Proxyware malware w popularnych serwisach do pobierania filmów z YouTube – nowa kampania cyberprzestępców

Cyberprzestępcy stają się coraz bardziej kreatywni w wymyślaniu nowych sposobów dystrybucji złośliwego oprogramowania. Najnowsza kampania, wykryta przez badaczy bezpieczeństwa z AhnLab Security Intelligence Center (ASEC) potwierdza ten trend. Tym razem, atakujący postanowili wykorzystać popularne serwisy do pobierania filmów z YouTube, w celi propagacji złośliwego oprogramowania typu proxyware.

TLDR:

• Badacze bezpieczeństwa z AhnLab Security Intelligence Center (ASEC) wykryli nowy rodzaj ataku, w którym cyberprzestępcy infekują ofiary oprogramowaniem typu proxyware, podszywając się pod popularne serwisy pobierające filmy z YouTube.
• Użytkownik, wklejając link do filmu, zostaje przekierowany do serwisu, z którego automatycznie zostaje pobrany złośliwy plik wykonywalny (Setup.exe). Jego głównym przeznaczeniem jest instalacja malware.
• Infekcja odbywa się w sposób dyskretny, użytkownik nie jest świadomy, że stał się ofiarą ataku. 
• Po zakończeniu procesu instalacji, komputer ofiary staje się serwerem proxy, kontrolowanym przez atakującego.

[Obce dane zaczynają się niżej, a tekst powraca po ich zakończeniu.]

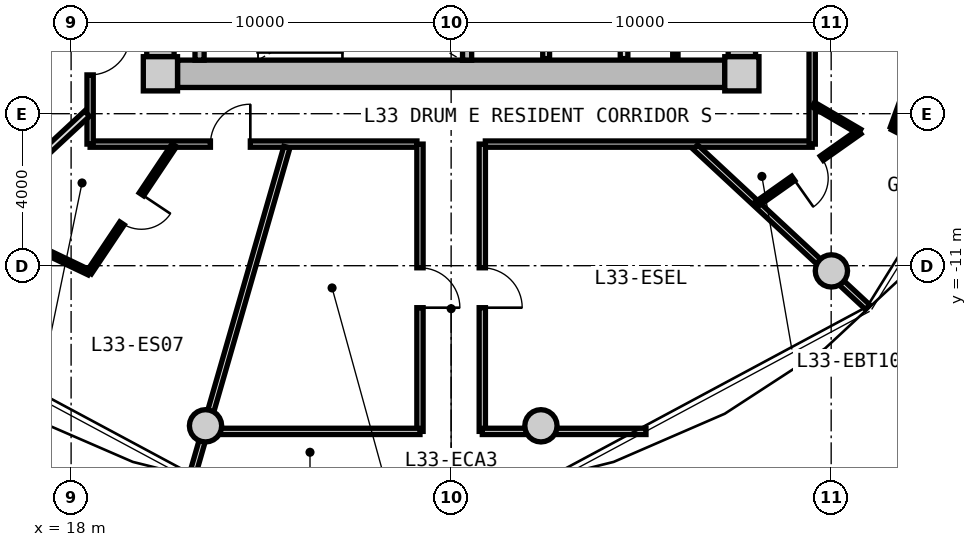
"""IFC4 building model, lengths in metres.
Left out: names, types, materials, properties, quantities, classifications, styles, units other than length and angle.
Written with IfcOpenShell. Run it as: python <this file> out.ifc"""

import sys

from ifc_helpers import new_model, si_unit, direction, frame, frame_2d, origin, origin_2d, place, context, subcontext, project, spatial, rectangle, circle, extrude, source, transform, mapped, element, fill, save


model = new_model("IFC4")
c1 = context("Model", 3, precision=1e-05, world=origin(), true_north=direction((0.0, 1.0)))
c2 = subcontext(c1, "Body", "Model", "MODEL_VIEW")
j1 = project(units=[si_unit("LENGTHUNIT", "METRE"), si_unit("PLANEANGLEUNIT", "RADIAN")], contexts=[c1])
p1 = place(None, origin())
s1 = spatial("IfcSite", under=j1, at=p1, CompositionType="ELEMENT")
p2 = place(p1, origin())
s2 = spatial("IfcBuilding", under=s1, at=p2, CompositionType="ELEMENT")
p3 = place(p2, frame((0.0, 0.0, 108.45)))
s3 = spatial("IfcBuildingStorey", under=s2, at=p3, CompositionType="ELEMENT", Elevation=108.45)
m1 = source(origin(), c2, "Body", "SweptSolid", [
    extrude(rectangle(XDim=0.9, YDim=0.9, at=origin_2d()), origin(), (0.0, 0.0, 1.0), 3.05),
])
for number, where, z_axis, x_axis in (
    (1, (20.35, -5.95, 0.0), (0.0, 0.0, 1.0), (1.0, 0.0, 0.0)),
    (2, (35.65, -5.95, 0.0), (0.0, 0.0, 1.0), (1.0, 0.0, 0.0)),
):
    element("IfcColumn", number, at=place(p3, frame(where, z_axis=z_axis, x_axis=x_axis)), inside=s3, PredefinedType="COLUMN", context=c2, shape_type="MappedRepresentation", body=[
        mapped(m1, transform((0.0, 0.0, 0.0), x_axis=(1.0, 0.0, 0.0), y_axis=(0.0, 1.0, 0.0), z_axis=(0.0, 0.0, 1.0), scale=1.0)),
    ])
m2 = source(origin(), c2, "Body", "SweptSolid", [
    extrude(rectangle(XDim=14.4, YDim=0.72, at=frame_2d((7.2, 0.0))), origin(), (0.0, 0.0, 1.0), 2.79),
])
p4 = place(p3, frame((35.2, -5.95, 0.0), z_axis=(0.0, 0.0, 1.0), x_axis=(-1.0, 0.0, 0.0)))
e3 = element("IfcWall", 3, at=p4, inside=s3, PredefinedType="SHEAR", context=c2, shape_type="MappedRepresentation", body=[
    mapped(m2, transform((0.0, 0.0, 0.0), x_axis=(1.0, 0.0, 0.0), y_axis=(0.0, 1.0, 0.0), z_axis=(0.0, 0.0, 1.0), scale=1.0)),
])
m3 = source(origin(), c2, "Body", "SweptSolid", [
    extrude(rectangle(XDim=11.0, YDim=0.72, at=frame_2d((5.5, 0.0))), origin(), (0.0, 0.0, 1.0), 2.79),
])
p5 = place(p3, frame((20.35, -5.5, 0.0), z_axis=(0.0, 0.0, 1.0), x_axis=(0.0, 1.0, 0.0)))
e4 = element("IfcWall", 4, at=p5, inside=s3, PredefinedType="SHEAR", context=c2, shape_type="MappedRepresentation", body=[
    mapped(m3, transform((0.0, 0.0, 0.0), x_axis=(1.0, 0.0, 0.0), y_axis=(0.0, 1.0, 0.0), z_axis=(0.0, 0.0, 1.0), scale=1.0)),
])
p6 = place(p5, frame((3.8, 0.0, 0.0)))
e5 = element("IfcOpeningElement", 5, at=p6, cuts=e4, PredefinedType="OPENING", context=c2, shape_type="SweptSolid", body=[
    extrude(rectangle(XDim=1.2, YDim=2.15, at=frame_2d((0.6, 1.075))), frame((0.0, 0.37, 0.0), z_axis=(0.0, -1.0, 0.0), x_axis=(1.0, 0.0, 0.0)), (0.0, 0.0, 1.0), 0.74),
])
p7 = place(p3, frame((35.65, 5.5, 0.0), z_axis=(0.0, 0.0, 1.0), x_axis=(0.0, -1.0, 0.0)))
e6 = element("IfcWall", 6, at=p7, inside=s3, PredefinedType="SHEAR", context=c2, shape_type="MappedRepresentation", body=[
    mapped(m3, transform((0.0, 0.0, 0.0), x_axis=(1.0, 0.0, 0.0), y_axis=(0.0, 1.0, 0.0), z_axis=(0.0, 0.0, 1.0), scale=1.0)),
])
p8 = place(p7, frame((5.65, 0.0, 0.0)))
e7 = element("IfcOpeningElement", 7, at=p8, cuts=e6, PredefinedType="OPENING", context=c2, shape_type="SweptSolid", body=[
    extrude(rectangle(XDim=1.2, YDim=2.15, at=frame_2d((0.6, 1.075))), frame((0.0, 0.37, 0.0), z_axis=(0.0, -1.0, 0.0), x_axis=(1.0, 0.0, 0.0)), (0.0, 0.0, 1.0), 0.74),
])
m4 = source(origin(), c2, "Body", "SweptSolid", [
    extrude(circle(Radius=0.425, at=origin_2d()), origin(), (0.0, 0.0, 1.0), 3.05),
])
for number, where, z_axis, x_axis in (
    (8, (21.537, -15.213, 0.0), (0.0, 0.0, 1.0), (1.0, 0.0, 0.0)),
    (9, (30.363, -15.213, 0.0), (0.0, 0.0, 1.0), (1.0, 0.0, 0.0)),
    (10, (38.006, -11.137, 0.0), (0.0, 0.0, 1.0), (1.0, 0.0, 0.0)),
):
    element("IfcColumn", number, at=place(p3, frame(where, z_axis=z_axis, x_axis=x_axis)), inside=s3, PredefinedType="COLUMN", context=c2, shape_type="MappedRepresentation", body=[
        mapped(m4, transform((0.0, 0.0, 0.0), x_axis=(1.0, 0.0, 0.0), y_axis=(0.0, 1.0, 0.0), z_axis=(0.0, 0.0, 1.0), scale=1.0)),
    ])
m5 = source(origin(), c2, "Body", "SweptSolid", [
    extrude(rectangle(XDim=3.14, YDim=0.24, at=frame_2d((1.57, 0.0))), origin(), (0.0, 0.0, 1.0), 2.79),
])
for number, where, z_axis, x_axis in (
    (11, (21.38, -5.59, 0.0), (0.0, 0.0, 1.0), (0.0, 1.0, 0.0)),
    (12, (28.42, -5.59, 0.0), (0.0, 0.0, 1.0), (0.0, 1.0, 0.0)),
):
    element("IfcWall", number, at=place(p3, frame(where, z_axis=z_axis, x_axis=x_axis)), inside=s3, PredefinedType="PARTITIONING", context=c2, shape_type="MappedRepresentation", body=[
        mapped(m5, transform((0.0, 0.0, 0.0), x_axis=(1.0, 0.0, 0.0), y_axis=(0.0, 1.0, 0.0), z_axis=(0.0, 0.0, 1.0), scale=1.0)),
    ])
m6 = source(origin(), c2, "Body", "SweptSolid", [
    extrude(rectangle(XDim=3.8, YDim=0.2, at=frame_2d((1.9, 0.0))), origin(), (0.0, 0.0, 1.0), 2.775),
])
p9 = place(p3, frame((32.55, -5.55, 0.0), z_axis=(0.0, 0.0, 1.0), x_axis=(0.0, 1.0, 0.0)))
e13 = element("IfcWall", 13, at=p9, inside=s3, PredefinedType="PARTITIONING", context=c2, shape_type="MappedRepresentation", body=[
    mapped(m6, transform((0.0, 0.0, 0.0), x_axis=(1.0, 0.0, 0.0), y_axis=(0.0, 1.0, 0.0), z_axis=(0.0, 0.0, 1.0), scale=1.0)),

Czym jest proxyware malware?

Opis ataku należy rozpocząć od wyjaśnienia, czym tak naprawdę jest proxyware. Proxyware to nic innego jak oprogramowanie lub serwer, pełniący funkcję bramy między użytkownikiem a Internetem. Zamiast nawiązania bezpośredniego połączenia z serwerem, użytkownik wysyła żądanie do serwera proxy, który w jego imieniu nawiązuje dwustronne połączenie między użytkownikiem a serwerem docelowym. 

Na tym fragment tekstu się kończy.